叔父さんと彼女は、そもそも何処から出て来たんだ?
一晩中、探し回ったのに。
「意味が良く分からないのですが…」
叔父さんが、うんうんと頷きながら口を開く。
「一芝居打ったつもりが、最後に神様のちょっかいが入った感じかな」
叔父さんの言っている意味が、ますます分からない。
「叔父さん、エムくんとユリちゃんは何も知らないのだから、最初から話さないと分からないでしょう?」
「そうか… じゃあ、簡潔に説明してくれよ。トリックの分かりやすい解説も小説家に必要な能力だからな」
トリック? 叔父さんは今、トリックと言ったよね。僕たちを騙したの?
「では、私から説明します。その前に今まで隠れていてゴメンナサイ。真夜中に一生懸命探してくれて恐縮しています。私は乗る気ではなかったのだけど… 本当にゴメンナサイ」
ということは深夜からの大騒動は、叔父さんと彼女の悪巧み?
「事の始まりは、あのビルの暑さよ。あんな所にいたら小説を書き終える前に脳ミソが沸騰してしまうわ。それでね… 」彼女は深夜の出来事を申し訳なさそうに説明してくれた。
先月、彼女が叔父さんに合宿所の暑さ対策をお願いし、今月の避暑地行きが決まり、叔父さんが伝を使い、この元ホテルをタダで借りられた迄は良かったけど、その話が叔父さんの友人、オカルト同好会の耳に入り話が変な方向に。
同好会の面々は夏のイベントを(勝手に)考え、ユリさんと僕を吊り上げる準備やホテル内にビックリイベントを企画して、怪しい仮面まで用意してスタンバイしたらしい。バーベキューセットや業務用冷蔵庫の中身も揃えてくれたことだけは感謝すべきかも知れない。
深夜にいなくなった彼女と叔父さんは、ホテルのそばにある管理棟からホテルの監視カメラを使い、中の様子をトランシーバーで同好会メンバーに伝えていたそうだ。ユリさんと僕の捜索を想定して仕掛けたビックリイベントは不調に終わったらしい。仕掛けたところまで僕たちが辿り着かなかったそうだ。何処に仕掛けたのだろう?
最後に玄関の吹き抜けフロアで僕たちが眠ってしまったのは、同好会の思惑通り。でもあの流れでは、フロアのソファで眠ってしまう以外の選択肢はなかったように思う。

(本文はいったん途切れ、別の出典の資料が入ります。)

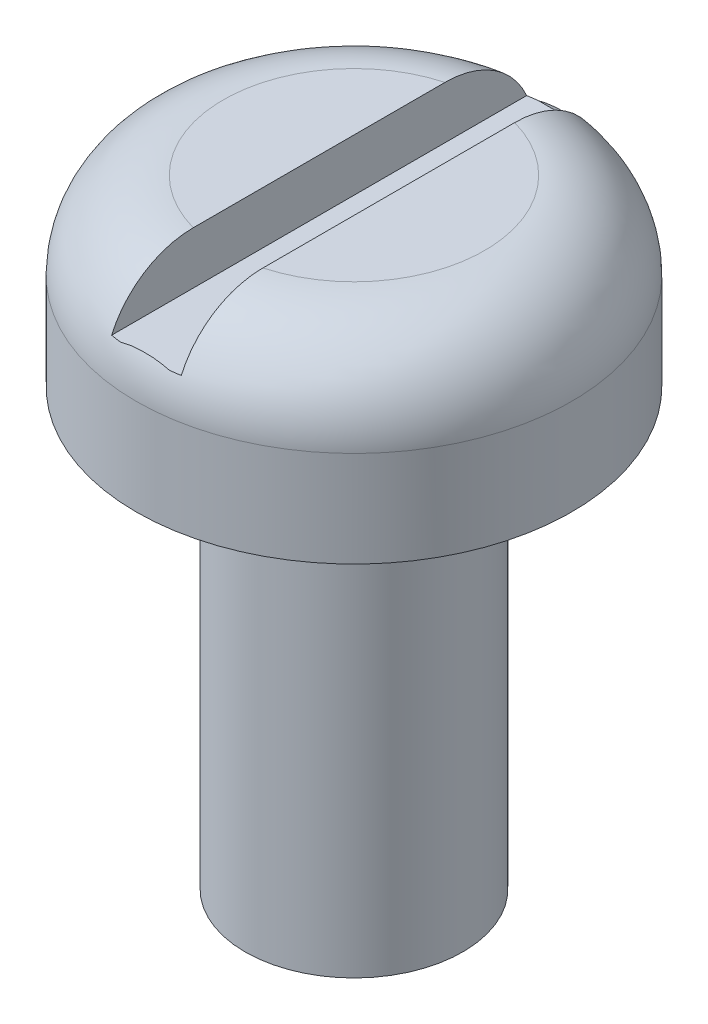
from build123d import *

# Parameters (mm, degrees)
HEAD_EDGE_FILLET_R1_R            = 1
SCREWDRIVER_SLOT_SKETCH_W        = 0.8
SCREWDRIVER_SLOT_SKETCH_H        = 4.8
SCREWDRIVER_SLOT_0_8_X_0_6_DEPTH = 0.6


with BuildPart() as part:
    # Bolt Profile Sketch → Bolt Body Ø2.5 Shank Ø5 Head (revolve)
    with BuildSketch(Plane.XY, mode=Mode.PRIVATE) as bolt_body_2_5_shank_5_head_sk:
        Polygon((0, -5), (1.25, -5), (1.25, 0), (2.5, 0), (2.5, 2.1), (0, 2.1), align=None)
    revolve(bolt_body_2_5_shank_5_head_sk.sketch.rotate(Axis((0, 4.110962567, 0), (0, -1, 0)), 90), axis=Axis((0, 4.110962567, 0), (0, -1, 0)))

    # Head Edge Fillet R1
    head_edge_fillet_r1_edges = [part.edges().sort_by_distance(p)[0] for p in [
        (0, 2.1, -2.5),
    ]]
    fillet(head_edge_fillet_r1_edges, radius=HEAD_EDGE_FILLET_R1_R)

    # Screwdriver Slot Sketch → Screwdriver Slot 0.8 x 0.6 (cut)
    with BuildSketch(Plane(origin=(0, 2.1, 0), x_dir=(1, 0, 0), z_dir=(0, 1, 0))):
        Rectangle(SCREWDRIVER_SLOT_SKETCH_W, SCREWDRIVER_SLOT_SKETCH_H)
    extrude(amount=-SCREWDRIVER_SLOT_0_8_X_0_6_DEPTH, mode=Mode.SUBTRACT)


solid = part.part

彼らの計画では、僕たちがもっと早く音を上げて玄関のソファまで来ることを想定していたから、ようやく明け方に玄関まで来て眠ったときには「いよいよ」と期待して、ユリさんと僕を吊り上げてからが、クライマックスだったらしい。
眠たそうな叔父さんが口を挟む。
「そこであの稲妻とお狐さまだからな。6月に赤坂であったことは彼女から聞いたけど、エムくんはまだお狐さまを背負っているのかい?」
どういうこと? 叔父さんの言っている意味がやっぱり分からない。
「ユリちゃんとエムくんを網で捕まえてお芝居を打とうとしたとき、凄い雷が近くに落ちたの。それにも驚いたけど、モニターを見ていたらフロアにいた同好会の人たちが慌ててここから逃げ出したのよ。トランシーバーから『お狐さまの祟りが…』と、大声が聞こえてきたわ」
「ここにお狐さまが出て来たの?」
「エムくんたちは上に吊されていたから見えなかったのかも知れないけど、同好会の人たちの前に、怖いお狐さまが現れたそうよ。モニターには狐火しか映らなかったけど」
狐火が映っただけでも十分だと思う。
話を聞いていたユリさんが首をかしげる。
「『お狐さまは神様の使いなので祟らない』と、レイさんから聞きましたけど」
ウンウン、赤坂でお狐さまに憑依された本人が一番それを覚えている。
ユリさんの先輩、神道学部のレイさんに確認したからね。
「あいつら(同好会メンバー)、オカルト好きだけど、神様のことは勉強していないからなぁ」
「叔父さんだって、私から赤坂であったことを聞くまで、知らなかったじゃない」
彼女の指摘に、叔父さんは苦笑い。
結論は分からずじまいだけど、オカルト同好会の人たちがユリさんと僕を大きな捕虫網で捉えたのをお狐さまが知り、みんなを追っ払ったらしい。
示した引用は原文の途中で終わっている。